NA SILVIA CINTRA + BOX 4
Três
anos depois de sua primeira individual na Galeria Silvia Cintra, Ipanema,
Rio de Janeiro, RJ, Maria Klabin retorna para nova mostra de trabalhos
inéditos no mesmo espaço e na Box 4. A exposição marca a volta da artista ao
desenho e à pintura. O trabalho de Maria Klabin "trata do limite que existe
entre as diferentes mídias. É através desse limite que o trabalho começa a
ser construído, ora é um desenho que aparece através de uma fotografia, ora
um vídeo que na realidade é uma pintura, etc...". Na parte central da
exposição destaca-se cinco pinturas (painéis de madeira, cada um mede
120x180cm) que a artista considera esboços de desenhos, como se tivessem
sido feitos em folhas de um caderno, complementados por uma série de 12
pequenos desenhos: cenas de praia, figuras humanas e objetos cotidianos
ilustram esse novo momento. De 28 de agosto a 20 de setembro.
E CAO GUIMARÃES
O
Museu de Arte da Pampulha, MAP, Belo Horizonte, MG, inaugura em 30 de
agosto, as exposições de Adriana Varejão (foto) e Cao Guimarães. No Salão
Nobre, Adriana Varejão apresenta três desenhos e oito pinturas realizadas
entre 2002 e 2007. Dentre as pinturas selecionadas estão Green Sauna, O
Chinês, O Voyeur, e O Predileto, a maioria, em grande formato. Diz Adriana
Varejão sobre seus trabalhos:"Na série das Saunas, a pintura sai do campo
conceitual de referências iconográficas históricas e passa para o campo do
sensível. Esses ambientes são atemporais. Mas são obras figurativas, que
aliam figuração à geometria. Trabalham questões inerentes à pintura, como
cor, composição, perspectiva… Estas obras dialogam com a arquitetura e o
espaço, mas de maneira virtual. São espaços projetados. Busco inspiração nos
botequins, nos hammams, nas piscinas, matadouros, banheiros, hospitais." Já
o artista plástico e cineasta Cao Guimarães ocupa o mezanino e o auditório
do MAP com três séries de fotografias e dois vídeos. Um destes, O Sonho da
Casa Própria, é um curta-metragem de 14 minutos e foi preparado
especialmente para esta exposição: um registro de uma cerimônia de casamento
entrecortado com cenas de arquitetura urbana. A trilha da obra é assinada
por O Grivo, coletivo mineiro que participa da próxima Bienal de São Paulo.

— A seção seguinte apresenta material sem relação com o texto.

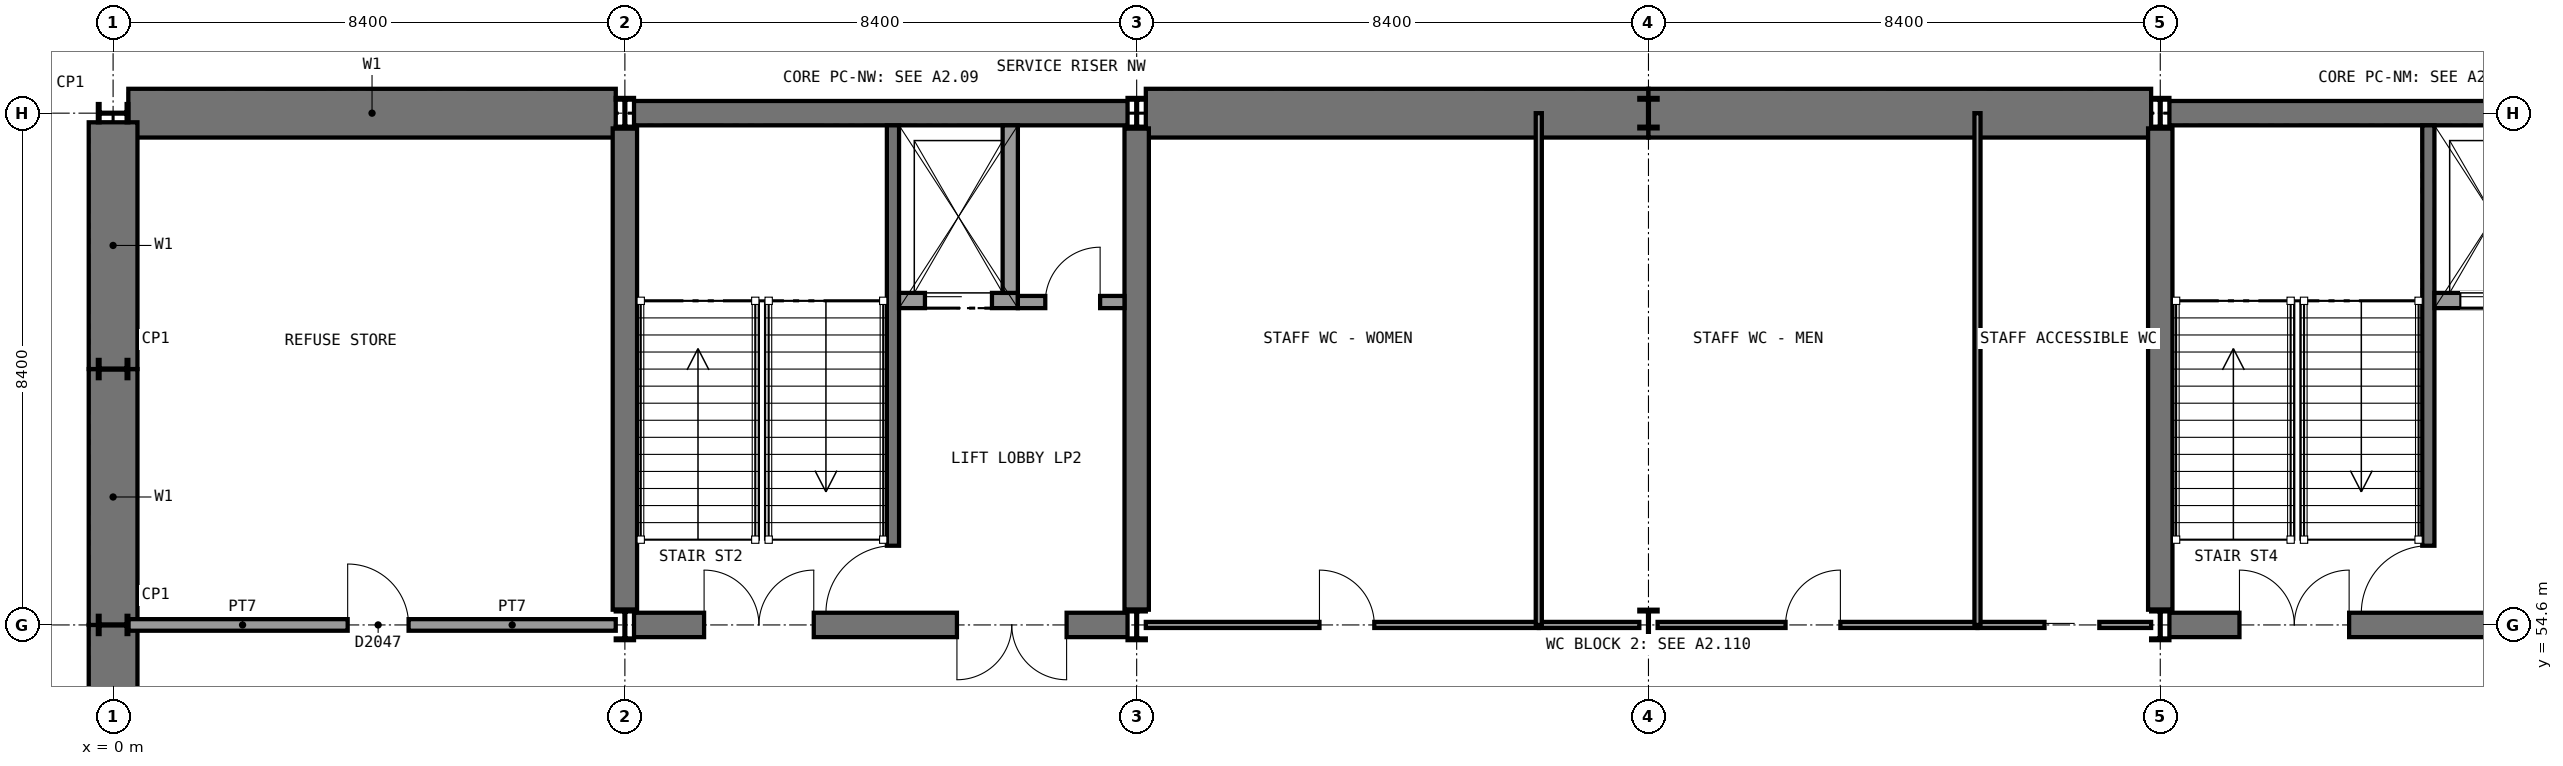
"""IFC4 building model, lengths in metres.
Left out: names, types, materials, properties, quantities, classifications, styles, units other than length and angle.
Written with IfcOpenShell. Run it as: python <this file> out.ifc"""

import sys

from ifc_helpers import new_model, si_unit, direction, frame, frame_2d, origin, origin_2d, place, context, subcontext, project, spatial, rectangle, i_section, extrude, element, fill, save


model = new_model("IFC4")
c1 = context("Model", 3, precision=1e-05, world=origin(), true_north=direction((0.0, 1.0)))
c2 = subcontext(c1, "Body", "Model", "MODEL_VIEW")
j1 = project(units=[si_unit("LENGTHUNIT", "METRE"), si_unit("PLANEANGLEUNIT", "RADIAN")], contexts=[c1])
p1 = place(None, origin())
s1 = spatial("IfcSite", under=j1, at=p1, CompositionType="ELEMENT")
p2 = place(p1, origin())
s2 = spatial("IfcBuilding", under=s1, at=p2, CompositionType="ELEMENT")
p3 = place(p2, frame((0.0, 0.0, -9.9)))
s3 = spatial("IfcBuildingStorey", under=s2, at=p3, CompositionType="ELEMENT", Elevation=-9.9)
p4 = place(p3, frame((0.25, 63.0, 0.0), z_axis=(0.0, 0.0, 1.0), x_axis=(1.0, 0.0, 0.0)))
e1 = element("IfcWall", 1, at=p4, inside=s3, PredefinedType="SOLIDWALL", context=c2, shape_type="SweptSolid", body=[
    extrude(rectangle(XDim=8.0, YDim=0.8, at=frame_2d((4.0, 0.0))), origin(), (0.0, 0.0, 1.0), 4.65),
])
p5 = place(p3, frame((16.95, 63.0, 0.0), z_axis=(0.0, 0.0, 1.0), x_axis=(1.0, 0.0, 0.0)))
e2 = element("IfcWall", 2, at=p5, inside=s3, PredefinedType="SOLIDWALL", context=c2, shape_type="SweptSolid", body=[
    extrude(rectangle(XDim=8.25, YDim=0.8, at=frame_2d((4.125, 0.0))), origin(), (0.0, 0.0, 1.0), 4.65),
])
p6 = place(p3, frame((25.2, 63.0, 0.0), z_axis=(0.0, 0.0, 1.0), x_axis=(1.0, 0.0, 0.0)))
e3 = element("IfcWall", 3, at=p6, inside=s3, PredefinedType="SOLIDWALL", context=c2, shape_type="SweptSolid", body=[
    extrude(rectangle(XDim=8.25, YDim=0.8, at=frame_2d((4.125, 0.0))), origin(), (0.0, 0.0, 1.0), 4.65),
])
p7 = place(p3, frame((0.0, 50.4, 0.0), z_axis=(0.0, 0.0, 1.0), x_axis=(0.0, 1.0, 0.0)))
e4 = element("IfcWall", 4, at=p7, inside=s3, PredefinedType="SOLIDWALL", context=c2, shape_type="SweptSolid", body=[
    extrude(rectangle(XDim=4.2, YDim=0.8, at=frame_2d((2.1, 0.0))), origin(), (0.0, 0.0, 1.0), 4.65),
])
p8 = place(p3, frame((0.0, 54.6, 0.0), z_axis=(0.0, 0.0, 1.0), x_axis=(0.0, 1.0, 0.0)))
e5 = element("IfcWall", 5, at=p8, inside=s3, PredefinedType="SOLIDWALL", context=c2, shape_type="SweptSolid", body=[
    extrude(rectangle(XDim=4.2, YDim=0.8, at=frame_2d((2.1, 0.0))), origin(), (0.0, 0.0, 1.0), 4.65),
])
p9 = place(p3, frame((0.0, 58.8, 0.0), z_axis=(0.0, 0.0, 1.0), x_axis=(0.0, 1.0, 0.0)))
e6 = element("IfcWall", 6, at=p9, inside=s3, PredefinedType="SOLIDWALL", context=c2, shape_type="SweptSolid", body=[
    extrude(rectangle(XDim=4.05, YDim=0.8, at=frame_2d((2.025, 0.0))), origin(), (0.0, 0.0, 1.0), 4.65),
])
p10 = place(p3, frame((8.55, 63.0, 0.0), z_axis=(0.0, 0.0, 1.0), x_axis=(1.0, 0.0, 0.0)))
e7 = element("IfcWall", 7, at=p10, inside=s3, PredefinedType="SHEAR", context=c2, shape_type="SweptSolid", body=[
    extrude(rectangle(XDim=8.1, YDim=0.4, at=frame_2d((4.05, 0.0))), origin(), (0.0, 0.0, 1.0), 4.65),
])
p11 = place(p3, frame((8.55, 54.6, 0.0), z_axis=(0.0, 0.0, 1.0), x_axis=(1.0, 0.0, 0.0)))
e8 = element("IfcWall", 8, at=p11, inside=s3, PredefinedType="SHEAR", context=c2, shape_type="SweptSolid", body=[
    extrude(rectangle(XDim=8.1, YDim=0.4, at=frame_2d((4.05, 0.0))), origin(), (0.0, 0.0, 1.0), 4.65),
])
p12 = place(p11, frame((1.15, 0.0, 0.0)))
e9 = element("IfcOpeningElement", 9, at=p12, cuts=e8, PredefinedType="OPENING", context=c2, shape_type="SweptSolid", body=[
    extrude(rectangle(XDim=1.8, YDim=2.1, at=frame_2d((0.9, 1.05))), frame((0.0, 0.21, 0.0), z_axis=(0.0, -1.0, 0.0), x_axis=(1.0, 0.0, 0.0)), (0.0, 0.0, 1.0), 0.42),
])
p13 = place(p11, frame((5.3, 0.0, 0.0)))
e10 = element("IfcOpeningElement", 10, at=p13, cuts=e8, PredefinedType="OPENING", context=c2, shape_type="SweptSolid", body=[
    extrude(rectangle(XDim=1.8, YDim=2.1, at=frame_2d((0.9, 1.05))), frame((0.0, 0.21, 0.0), z_axis=(0.0, -1.0, 0.0), x_axis=(1.0, 0.0, 0.0)), (0.0, 0.0, 1.0), 0.42),
])
for number, where, z_axis, x_axis in (
    (11, (8.4, 54.85, 0.0), (0.0, 0.0, 1.0), (0.0, 1.0, 0.0)),
    (12, (16.8, 54.85, 0.0), (0.0, 0.0, 1.0), (0.0, 1.0, 0.0)),
):
    element("IfcWall", number, at=place(p3, frame(where, z_axis=z_axis, x_axis=x_axis)), inside=s3, PredefinedType="SHEAR", context=c2, shape_type="SweptSolid", body=[
        extrude(rectangle(XDim=7.9, YDim=0.4, at=frame_2d((3.95, 0.0))), origin(), (0.0, 0.0, 1.0), 4.65),
    ])
p14 = place(p3, frame((33.75, 63.0, 0.0), z_axis=(0.0, 0.0, 1.0), x_axis=(1.0, 0.0, 0.0)))
e13 = element("IfcWall", 13, at=p14, inside=s3, PredefinedType="SHEAR", context=c2, shape_type="SweptSolid", body=[
    extrude(rectangle(XDim=8.1, YDim=0.4, at=frame_2d((4.05, 0.0))), origin(), (0.0, 0.0, 1.0), 4.65),
])
p15 = place(p3, frame((33.75, 54.6, 0.0), z_axis=(0.0, 0.0, 1.0), x_axis=(1.0, 0.0, 0.0)))
e14 = element("IfcWall", 14, at=p15, inside=s3, PredefinedType="SHEAR", context=c2, shape_type="SweptSolid", body=[
    extrude(rectangle(XDim=8.1, YDim=0.4, at=frame_2d((4.05, 0.0))), origin(), (0.0, 0.0, 1.0), 4.65),
])
p16 = place(p15, frame((1.15, 0.0, 0.0)))
e15 = element("IfcOpeningElement", 15, at=p16, cuts=e14, PredefinedType="OPENING", context=c2, shape_type="SweptSolid", body=[
    extrude(rectangle(XDim=1.8, YDim=2.1, at=frame_2d((0.9, 1.05))), frame((0.0, 0.21, 0.0), z_axis=(0.0, -1.0, 0.0), x_axis=(1.0, 0.0, 0.0)), (0.0, 0.0, 1.0), 0.42),
])
p17 = place(p15, frame((5.3, 0.0, 0.0)))
e16 = element("IfcOpeningElement", 16, at=p17, cuts=e14, PredefinedType="OPENING", context=c2, shape_type="SweptSolid", body=[
    extrude(rectangle(XDim=1.8, YDim=2.1, at=frame_2d((0.9, 1.05))), frame((0.0, 0.21, 0.0), z_axis=(0.0, -1.0, 0.0), x_axis=(1.0, 0.0, 0.0)), (0.0, 0.0, 1.0), 0.42),
])
p18 = place(p3, frame((33.6, 54.85, 0.0), z_axis=(0.0, 0.0, 1.0), x_axis=(0.0, 1.0, 0.0)))
e17 = element("IfcWall", 17, at=p18, inside=s3, PredefinedType="SHEAR", context=c2, shape_type="SweptSolid", body=[
    extrude(rectangle(XDim=7.9, YDim=0.4, at=frame_2d((3.95, 0.0))), origin(), (0.0, 0.0, 1.0), 4.65),
])
for number, where, z_axis, x_axis in (
    (18, (0.0, 54.6, 0.0), (0.0, 0.0, 1.0), (0.0, 1.0, 0.0)),
    (19, (0.0, 58.8, 0.0), (0.0, 0.0, 1.0), (0.0, 1.0, 0.0)),
    (20, (0.0, 63.0, 0.0), (0.0, 0.0, 1.0), (0.0, 1.0, 0.0)),
    (21, (8.4, 54.6, 0.0), (0.0, 0.0, 1.0), (1.0, 0.0, 0.0)),
    (22, (8.4, 63.0, 0.0), (0.0, 0.0, 1.0), (1.0, 0.0, 0.0)),
    (23, (16.8, 54.6, 0.0), (0.0, 0.0, 1.0), (1.0, 0.0, 0.0)),
    (24, (16.8, 63.0, 0.0), (0.0, 0.0, 1.0), (1.0, 0.0, 0.0)),
    (25, (25.2, 54.6, 0.0), (0.0, 0.0, 1.0), (1.0, 0.0, 0.0)),
    (26, (25.2, 63.0, 0.0), (0.0, 0.0, 1.0), (1.0, 0.0, 0.0)),
    (27, (33.6, 54.6, 0.0), (0.0, 0.0, 1.0), (1.0, 0.0, 0.0)),
    (28, (33.6, 63.0, 0.0), (0.0, 0.0, 1.0), (1.0, 0.0, 0.0)),
):
    element("IfcColumn", number, at=place(p3, frame(where, z_axis=z_axis, x_axis=x_axis)), inside=s3, PredefinedType="COLUMN", context=c2, shape_type="SweptSolid", body=[
        extrude(i_section(OverallWidth=0.3, OverallDepth=0.5, WebThickness=0.014, FlangeThickness=0.028, FilletRadius=0.027, at=origin_2d()), origin(), (0.0, 0.0, 1.0), 5.0),
    ])
p19 = place(p3, frame((0.25, 54.6, 0.0), z_axis=(0.0, 0.0, 1.0), x_axis=(1.0, 0.0, 0.0)))
e29 = element("IfcWall", 29, at=p19, inside=s3, PredefinedType="SOLIDWALL", context=c2, shape_type="SweptSolid", body=[
    extrude(rectangle(XDim=8.0, YDim=0.19, at=frame_2d((4.0, 0.0))), origin(), (0.0, 0.0, 1.0), 4.65),
])
p20 = place(p19, frame((3.6, 0.0, 0.0)))
e30 = element("IfcOpeningElement", 30, at=p20, cuts=e29, PredefinedType="OPENING", context=c2, shape_type="SweptSolid", body=[
    extrude(rectangle(XDim=1.0, YDim=2.1, at=frame_2d((0.5, 1.05))), frame((0.0, 0.105, 0.0), z_axis=(0.0, -1.0, 0.0), x_axis=(1.0, 0.0, 0.0)), (0.0, 0.0, 1.0), 0.21),
])
p21 = place(p3, frame((16.95, 54.6, 0.0), z_axis=(0.0, 0.0, 1.0), x_axis=(1.0, 0.0, 0.0)))
e31 = element("IfcWall", 31, at=p21, inside=s3, PredefinedType="PARTITIONING", context=c2, shape_type="SweptSolid", body=[
    extrude(rectangle(XDim=6.45, YDim=0.1, at=frame_2d((3.225, 0.0))), origin(), (0.0, 0.0, 1.0), 4.65),
])
p22 = place(p21, frame((2.85, 0.0, 0.0)))
e32 = element("IfcOpeningElement", 32, at=p22, cuts=e31, PredefinedType="OPENING", context=c2, shape_type="SweptSolid", body=[
    extrude(rectangle(XDim=0.9, YDim=2.1, at=frame_2d((0.45, 1.05))), frame((0.0, 0.06, 0.0), z_axis=(0.0, -1.0, 0.0), x_axis=(1.0, 0.0, 0.0)), (0.0, 0.0, 1.0), 0.12),
])
p23 = place(p3, frame((23.4, 54.6, 0.0), z_axis=(0.0, 0.0, 1.0), x_axis=(1.0, 0.0, 0.0)))
e33 = element("IfcWall", 33, at=p23, inside=s3, PredefinedType="PARTITIONING", context=c2, shape_type="SweptSolid", body=[
    extrude(rectangle(XDim=1.65, YDim=0.1, at=frame_2d((0.825, 0.0))), origin(), (0.0, 0.0, 1.0), 4.65),
])
p24 = place(p3, frame((25.35, 54.6, 0.0), z_axis=(0.0, 0.0, 1.0), x_axis=(1.0, 0.0, 0.0)))
e34 = element("IfcWall", 34, at=p24, inside=s3, PredefinedType="PARTITIONING", context=c2, shape_type="SweptSolid", body=[
    extrude(rectangle(XDim=5.25, YDim=0.1, at=frame_2d((2.625, 0.0))), origin(), (0.0, 0.0, 1.0), 4.65),
])
p25 = place(p24, frame((2.1, 0.0, 0.0)))
e35 = element("IfcOpeningElement", 35, at=p25, cuts=e34, PredefinedType="OPENING", context=c2, shape_type="SweptSolid", body=[
    extrude(rectangle(XDim=0.9, YDim=2.1, at=frame_2d((0.45, 1.05))), frame((0.0, 0.06, 0.0), z_axis=(0.0, -1.0, 0.0), x_axis=(1.0, 0.0, 0.0)), (0.0, 0.0, 1.0), 0.12),
])
p26 = place(p3, frame((30.6, 54.6, 0.0), z_axis=(0.0, 0.0, 1.0), x_axis=(1.0, 0.0, 0.0)))
e36 = element("IfcWall", 36, at=p26, inside=s3, PredefinedType="PARTITIONING", context=c2, shape_type="SweptSolid", body=[
    extrude(rectangle(XDim=2.85, YDim=0.1, at=frame_2d((1.425, 0.0))), origin(), (0.0, 0.0, 1.0), 4.65),
])
p27 = place(p26, frame((1.1, 0.0, 0.0)))
e37 = element("IfcOpeningElement", 37, at=p27, cuts=e36, PredefinedType="OPENING", context=c2, shape_type="SweptSolid", body=[
    extrude(rectangle(XDim=0.9, YDim=2.1, at=frame_2d((0.45, 1.05))), frame((0.0, 0.06, 0.0), z_axis=(0.0, -1.0, 0.0), x_axis=(1.0, 0.0, 0.0)), (0.0, 0.0, 1.0), 0.12),
])
for number, where, z_axis, x_axis in (
    (38, (23.4, 54.6, 0.0), (0.0, 0.0, 1.0), (0.0, 1.0, 0.0)),
    (39, (30.6, 54.6, 0.0), (0.0, 0.0, 1.0), (0.0, 1.0, 0.0)),
):
    element("IfcWall", number, at=place(p3, frame(where, z_axis=z_axis, x_axis=x_axis)), inside=s3, PredefinedType="PARTITIONING", context=c2, shape_type="SweptSolid", body=[
        extrude(rectangle(XDim=8.4, YDim=0.1, at=frame_2d((4.2, 0.0))), origin(), (0.0, 0.0, 1.0), 4.65),
    ])
p28 = place(p3, frame((12.8, 62.8, 0.0), z_axis=(0.0, 0.0, 1.0), x_axis=(0.0, -1.0, 0.0)))
e40 = element("IfcWall", 40, at=p28, inside=s3, PredefinedType="SHEAR", context=c2, shape_type="SweptSolid", body=[
    extrude(rectangle(XDim=8.0, YDim=0.2, at=frame_2d((4.0, 0.0))), origin(), (0.0, 0.0, 1.0), 4.65),
])
p29 = place(p28, frame((6.9, 0.0, 0.0)))
e41 = element("IfcOpeningElement", 41, at=p29, cuts=e40, PredefinedType="OPENING", context=c2, shape_type="SweptSolid", body=[
    extrude(rectangle(XDim=1.11, YDim=2.1, at=frame_2d((0.555, 1.05))), frame((0.0, 0.11, 0.0), z_axis=(0.0, -1.0, 0.0), x_axis=(1.0, 0.0, 0.0)), (0.0, 0.0, 1.0), 0.22),
])
p30 = place(p3, frame((12.9, 59.925, -1.4), z_axis=(0.0, 0.0, 1.0), x_axis=(1.0, 0.0, 0.0)))
e42 = element("IfcWall", 42, at=p30, inside=s3, PredefinedType="SOLIDWALL", context=c2, shape_type="SweptSolid", body=[
    extrude(rectangle(XDim=1.95, YDim=0.25, at=frame_2d((0.975, 0.0))), origin(), (0.0, 0.0, 1.0), 6.4),
])
p31 = place(p30, frame((0.425, 0.0, 1.4)))
e43 = element("IfcOpeningElement", 43, at=p31, cuts=e42, PredefinedType="OPENING", context=c2, shape_type="SweptSolid", body=[
    extrude(rectangle(XDim=1.1, YDim=2.1, at=frame_2d((0.55, 1.05))), frame((0.0, 0.135, 0.0), z_axis=(0.0, -1.0, 0.0), x_axis=(1.0, 0.0, 0.0)), (0.0, 0.0, 1.0), 0.27),
])
p32 = place(p3, frame((14.725, 62.8, -1.4), z_axis=(0.0, 0.0, 1.0), x_axis=(0.0, -1.0, 0.0)))
e44 = element("IfcWall", 44, at=p32, inside=s3, PredefinedType="SOLIDWALL", context=c2, shape_type="SweptSolid", body=[
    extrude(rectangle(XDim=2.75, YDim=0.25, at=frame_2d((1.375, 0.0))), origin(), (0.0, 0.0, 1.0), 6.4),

As mostras tem curadoria de Marconi Drummond. Até 19 de outubro.
A
Mônica Filgueiras Galeria de Arte, São Paulo, SP, exibe em suas salas uma
seleta especial de obras da artista plástica Adélia Klinke. Na presente
exposição individual Adélia mostra 40 trabalhos distribuídos em diversas
técnicas: aquarelas, pinturas (acrílicas) sobre tela e também sobre papel. O
trabalho que Adélia Klinke realizou nos dois últimos anos, "propõe-se a
questionar tópicos relativos a construção de campos de cores que se
confrontam e se sobrepõem; a utilização de linhas que delimitam e consolidam
o espaço e ao resgate de memória de algo visto e observado". Abertura em 30
de agosto.
O
cenário criado pela pintora Beatriz Milhazes para o espetáculo "Tempo de
Verão" vai se transformar numa instalação para exposição. O espetáculo de
dança é uma criação da coreógrafa Márcia Milhazes, irmã da pintora, vencedor
do prêmio APCA para o setor em 2004. Trata-se de "um móbile repleto de
flores e mandalas" e será uma instalação que tomará uma sala inteira de uma
nova bienal de arte nos EUA, a "Prospect.1". Sua primeira edição está
prevista para novembro de 2008, em Nova Orleans. É mais um passo concreto na
exitosa e brilhante carreira internacional da jovem pintora brasileira.
A
Galeria Brito Cimino, Vila Olímpia, São Paulo, SP, inaugura a exposição "To
See Blue", individual da artista plástica argentina, radicada em New York,
Liliana Porter que, inspirada em seu acervo pessoal de souvenires e
brinquedos de coleção, combina 20 trabalhos entre fotografias, pinturas, um
vídeo e pequenas instalações. Sempre instigada a criar justaposições entre
os seus objetos favoritos, Liliana Porter produz "diálogos" visuais que
aguçam o imaginário enquanto questionam noções de realidade. O texto de
apresentação traz a assinatura de José Luis Blondet. De 21 de agosto a 20 de
setembro.
O Museu Afro Brasil, Parque do Ibirapuera, São Paulo, SP, exibe sob a
curadoria de Emanoel Araújo, 140 obras de 10 artistas atuantes entre os
séculos 19 e 20. A exposição resgata a qualidade e a dimensão de alguns
artistas brasileiros, ainda pouco conhecidos pelo público e parte da
crítica. A saber: Arthur Timótheo, Benedito José Tobias, Benedito José de
Andrade, Emmanuel Zamor, Estevão Silva (foto), Firmino Monteiro, João Timótheo,
Horácio Hora, Rafael Pinto Bandeira e Wilson Tiberio. Segundo Emanoel
Araújo, a exposição é "...uma visita ao acervo de pintores negros da
Academia de Belas Artes, século XIX, incluindo mais três outros artistas já
do século XX, mas que – de certa maneira – traduzem em suas obras laços
profundos com a tradição acadêmica, mais em espírito do que na complexidade
técnica da produção pictórica. São eles Benedito José Tobias, Benedito José
de Andrade e o gaúcho Wilson Tibério. Os dois primeiros são de São Paulo e
viveram aqui no resquício da prática figurativa de pintar; o outro trabalhou
e viveu por longos anos na França, onde morreu". De 23 de agosto a novembro
de 2008.
A
Galeria Thomas Cohn, São Paulo, SP, apresenta os artistas Sang Won Sung,
coreano radicado no Brasil e Diego Píriz, pintor uruguaio. Won Sung (foto)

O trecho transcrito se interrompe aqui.